# Newbie



## mike the bike (Apr 1, 2012)

Just saying hello and thanks for all the info on here. I have finally taken the plunge and ordered a Fracino Heavenly. Here`s hoping the thin, bitter and brackish shots that occasionally dribbled from my old Gaggia Coffee Deluxe will soon be just memories. The Heavenly should come tomorrow along with some Sumatra beans from the H.D. I`m gonna be sharking that window !


----------



## mike 100 (Jul 15, 2010)

Welcome along, hope you enjoy your new machine, never tried the Sumatran beans from H D would be interested to know what you think of them


----------



## mike the bike (Apr 1, 2012)

Just had the dispatched email from H D, so beans and machine should be here tomorrow. Better clear a (big) space on the kitchen units ! I want to compare the H D Sumatra Mocha beans with the Sumatra beans from my local tea and coffee specialist shop, the Samovar in Ulverston. Will post up my findings.


----------



## lookseehear (Jul 16, 2010)

Hi mike, looks like a great purchase! What grinder will you be pairing it with?

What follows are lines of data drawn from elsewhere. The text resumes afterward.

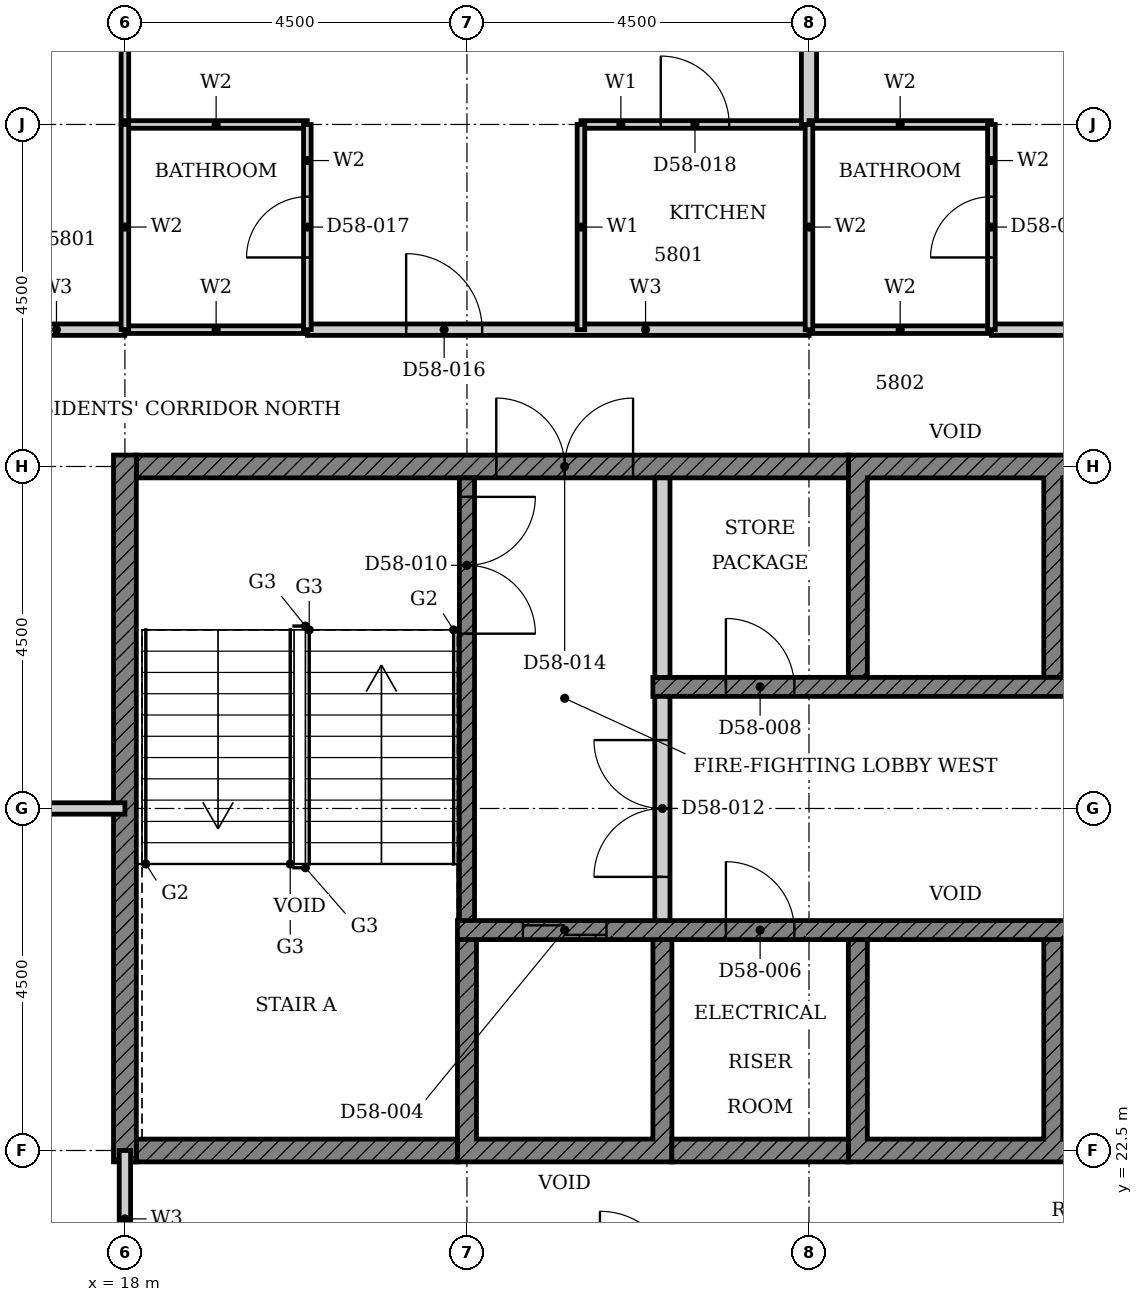
"""IFC4 building model, lengths in metres.
Left out: names, types, materials, properties, quantities, classifications, styles, units other than length and angle.
Written with IfcOpenShell. Run it as: python <this file> out.ifc"""

import sys

from ifc_helpers import new_model, si_unit, direction, frame, frame_2d, origin, place, context, subcontext, project, spatial, polyline, rectangle, outline, extrude, element, fill, save


model = new_model("IFC4")
c1 = context("Model", 3, precision=1e-05, world=origin(), true_north=direction((0.0, 1.0)))
c2 = subcontext(c1, "Body", "Model", "MODEL_VIEW")
j1 = project(units=[si_unit("LENGTHUNIT", "METRE"), si_unit("PLANEANGLEUNIT", "RADIAN")], contexts=[c1])
p1 = place(None, origin())
s1 = spatial("IfcSite", under=j1, at=p1, CompositionType="ELEMENT")
p2 = place(p1, origin())
s2 = spatial("IfcBuilding", under=s1, at=p2, CompositionType="ELEMENT")
p3 = place(p2, frame((0.0, 0.0, 229.4)))
s3 = spatial("IfcBuildingStorey", under=s2, at=p3, CompositionType="ELEMENT", Elevation=229.4)
p4 = place(p3, origin())
e1 = element("IfcWall", 1, at=p4, inside=s3, PredefinedType="SHEAR", context=c2, shape_type="SweptSolid", body=[
    extrude(outline(polyline([(22.375, 22.35), (25.197, 22.35), (25.197, 25.275), (24.947, 25.275), (24.947, 22.65), (22.625, 22.65), (22.625, 25.275), (22.375, 25.275), (22.375, 22.35)])), origin(), (0.0, 0.0, 1.0), 3.3),
])
p5 = place(p3, origin())
e2 = element("IfcWall", 2, at=p5, inside=s3, PredefinedType="SHEAR", context=c2, shape_type="SweptSolid", body=[
    extrude(outline(polyline([(27.518, 22.35), (32.911, 22.35), (32.911, 25.275), (32.661, 25.275), (32.661, 22.65), (30.339, 22.65), (30.339, 25.275), (30.089, 25.275), (30.089, 22.65), (27.768, 22.65), (27.768, 25.275), (27.518, 25.275), (27.518, 22.35)])), origin(), (0.0, 0.0, 1.0), 3.3),
])
p6 = place(p3, origin())
e3 = element("IfcWall", 3, at=p6, inside=s3, PredefinedType="SHEAR", context=c2, shape_type="SweptSolid", body=[
    extrude(outline(polyline([(27.518, 28.725), (27.768, 28.725), (27.768, 31.35), (30.089, 31.35), (30.089, 28.725), (30.339, 28.725), (30.339, 31.35), (32.661, 31.35), (32.661, 28.725), (32.911, 28.725), (32.911, 31.65), (27.518, 31.65), (27.518, 28.725)])), origin(), (0.0, 0.0, 1.0), 3.3),
])
p7 = place(p3, frame((18.15, 22.5, 0.0), z_axis=(0.0, 0.0, 1.0), x_axis=(1.0, 0.0, 0.0)))
e4 = element("IfcWall", 4, at=p7, inside=s3, PredefinedType="SHEAR", context=c2, shape_type="SweptSolid", body=[
    extrude(rectangle(XDim=4.225, YDim=0.3, at=frame_2d((2.113, 0.0))), origin(), (0.0, 0.0, 1.0), 3.3),
])
p8 = place(p3, frame((25.197, 22.5, 0.0), z_axis=(0.0, 0.0, 1.0), x_axis=(1.0, 0.0, 0.0)))
e5 = element("IfcWall", 5, at=p8, inside=s3, PredefinedType="SHEAR", context=c2, shape_type="SweptSolid", body=[
    extrude(rectangle(XDim=2.321, YDim=0.3, at=frame_2d((1.161, 0.0))), origin(), (0.0, 0.0, 1.0), 3.3),
])
p9 = place(p3, frame((18.15, 31.5, 0.0), z_axis=(0.0, 0.0, 1.0), x_axis=(1.0, 0.0, 0.0)))
e6 = element("IfcWall", 6, at=p9, inside=s3, PredefinedType="SHEAR", context=c2, shape_type="SweptSolid", body=[
    extrude(rectangle(XDim=9.368, YDim=0.3, at=frame_2d((4.684, 0.0))), origin(), (0.0, 0.0, 1.0), 3.3),
])
p10 = place(p9, frame((4.736, 0.0, 0.0)))
e7 = element("IfcOpeningElement", 7, at=p10, cuts=e6, PredefinedType="OPENING", context=c2, shape_type="SweptSolid", body=[
    extrude(rectangle(XDim=1.8, YDim=2.1, at=frame_2d((0.9, 1.05))), frame((0.0, 0.16, 0.0), z_axis=(0.0, -1.0, 0.0), x_axis=(1.0, 0.0, 0.0)), (0.0, 0.0, 1.0), 0.32),
])
p11 = place(p3, frame((18.0, 22.35, 0.0), z_axis=(0.0, 0.0, 1.0), x_axis=(0.0, 1.0, 0.0)))
e8 = element("IfcWall", 8, at=p11, inside=s3, PredefinedType="SHEAR", context=c2, shape_type="SweptSolid", body=[
    extrude(rectangle(XDim=9.3, YDim=0.3, at=frame_2d((4.65, 0.0))), origin(), (0.0, 0.0, 1.0), 3.3),
])
p12 = place(p3, frame((22.375, 25.4, 0.0), z_axis=(0.0, 0.0, 1.0), x_axis=(1.0, 0.0, 0.0)))
e9 = element("IfcWall", 9, at=p12, inside=s3, PredefinedType="SHEAR", context=c2, shape_type="SweptSolid", body=[
    extrude(rectangle(XDim=15.678, YDim=0.25, at=frame_2d((7.839, 0.0))), origin(), (0.0, 0.0, 1.0), 3.3),
])
p13 = place(p12, frame((8.575, 0.0, 0.0)))
e10 = element("IfcOpeningElement", 10, at=p13, cuts=e9, PredefinedType="OPENING", context=c2, shape_type="SweptSolid", body=[
    extrude(rectangle(XDim=1.1, YDim=2.1, at=frame_2d((0.55, 1.05))), frame((0.0, 0.135, 0.0), z_axis=(0.0, -1.0, 0.0), x_axis=(1.0, 0.0, 0.0)), (0.0, 0.0, 1.0), 0.27),
])
p14 = place(p12, frame((0.861, 0.0, 0.0)))
e11 = element("IfcOpeningElement", 11, at=p14, cuts=e9, PredefinedType="OPENING", context=c2, shape_type="SweptSolid", body=[
    extrude(rectangle(XDim=1.1, YDim=2.1, at=frame_2d((0.55, 1.05))), frame((0.0, 0.135, 0.0), z_axis=(0.0, -1.0, 0.0), x_axis=(1.0, 0.0, 0.0)), (0.0, 0.0, 1.0), 0.27),
])
p15 = place(p12, frame((3.532, 0.0, 0.0)))
e12 = element("IfcOpeningElement", 12, at=p15, cuts=e9, PredefinedType="OPENING", context=c2, shape_type="SweptSolid", body=[
    extrude(rectangle(XDim=0.9, YDim=2.1, at=frame_2d((0.45, 1.05))), frame((0.0, 0.135, 0.0), z_axis=(0.0, -1.0, 0.0), x_axis=(1.0, 0.0, 0.0)), (0.0, 0.0, 1.0), 0.27),
])
p16 = place(p12, frame((12.532, 0.0, 0.0)))
e13 = element("IfcOpeningElement", 13, at=p16, cuts=e9, PredefinedType="OPENING", context=c2, shape_type="SweptSolid", body=[
    extrude(rectangle(XDim=0.9, YDim=2.1, at=frame_2d((0.45, 1.05))), frame((0.0, 0.135, 0.0), z_axis=(0.0, -1.0, 0.0), x_axis=(1.0, 0.0, 0.0)), (0.0, 0.0, 1.0), 0.27),
])
p17 = place(p3, frame((24.947, 28.6, 0.0), z_axis=(0.0, 0.0, 1.0), x_axis=(1.0, 0.0, 0.0)))
e14 = element("IfcWall", 14, at=p17, inside=s3, PredefinedType="SHEAR", context=c2, shape_type="SweptSolid", body=[
    extrude(rectangle(XDim=15.678, YDim=0.25, at=frame_2d((7.839, 0.0))), origin(), (0.0, 0.0, 1.0), 3.3),
])
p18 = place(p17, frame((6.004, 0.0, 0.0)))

I think the happy donkey beans are a fairly dark roast if I recall. Is this what you were after?


----------



## mike the bike (Apr 1, 2012)

Yes, a very dark bean, just a change from the usual Monsoon Malabar and St. James. I have an Iberital mc2 and can get my hands on a Dualit, can`t remember the model but it`s a conical burr jobbie.


----------



## mike the bike (Apr 1, 2012)

Grrr. beans came yesterday but no Heavenly. Hope it hasn`t fallen victim to the snow and got itself stuck in a snowdrift somewhere in yorkshire.


----------



## mike the bike (Apr 1, 2012)

Well, after a bit of a problem that saw me opening a crate and instead of the Heavenly four copper boilers were enclosed !

I have today taken delivery of the Heavenly. Big innit? Took an hour to remove all the protective plastic film, filled it up and made a double espresso. Threw it out as it was only luke warm, my fault for being over eager. Waited half an hour in which time the grouphead warmed up a lot more and made another. Very acceptable, and now the learning curve begins in search of the god shot!


----------



## mike 100 (Jul 15, 2010)

Lovely machine ! congratulations hope you enjoy it. But please remove/destroy the Nescafe mug!


----------



## mike the bike (Apr 1, 2012)

Ah yes ! it was used on the Gaggia as a drip/dregs collector, seemed fitting somehow !


----------



## howardknibbs (Apr 16, 2012)

I have been considering investing in a second-hand Heavenly or Cherub (as after a reasonably priced HX machine) - I look forward to hearing how you get on with the Heavenly!


----------



## jimbow (Oct 13, 2011)

Congrats. Let me know if you want to compare notes on cooling flushes, descaling, etc.

Sent from my HTC One X using Tapatalk 2


----------



## mike the bike (Apr 1, 2012)

Early days yet jimbow, I need to do a bit of experimenting before I start pontificating !


----------



## jimbow (Oct 13, 2011)

Ha







. Hope it all goes well and do let me know if you have any questions.


----------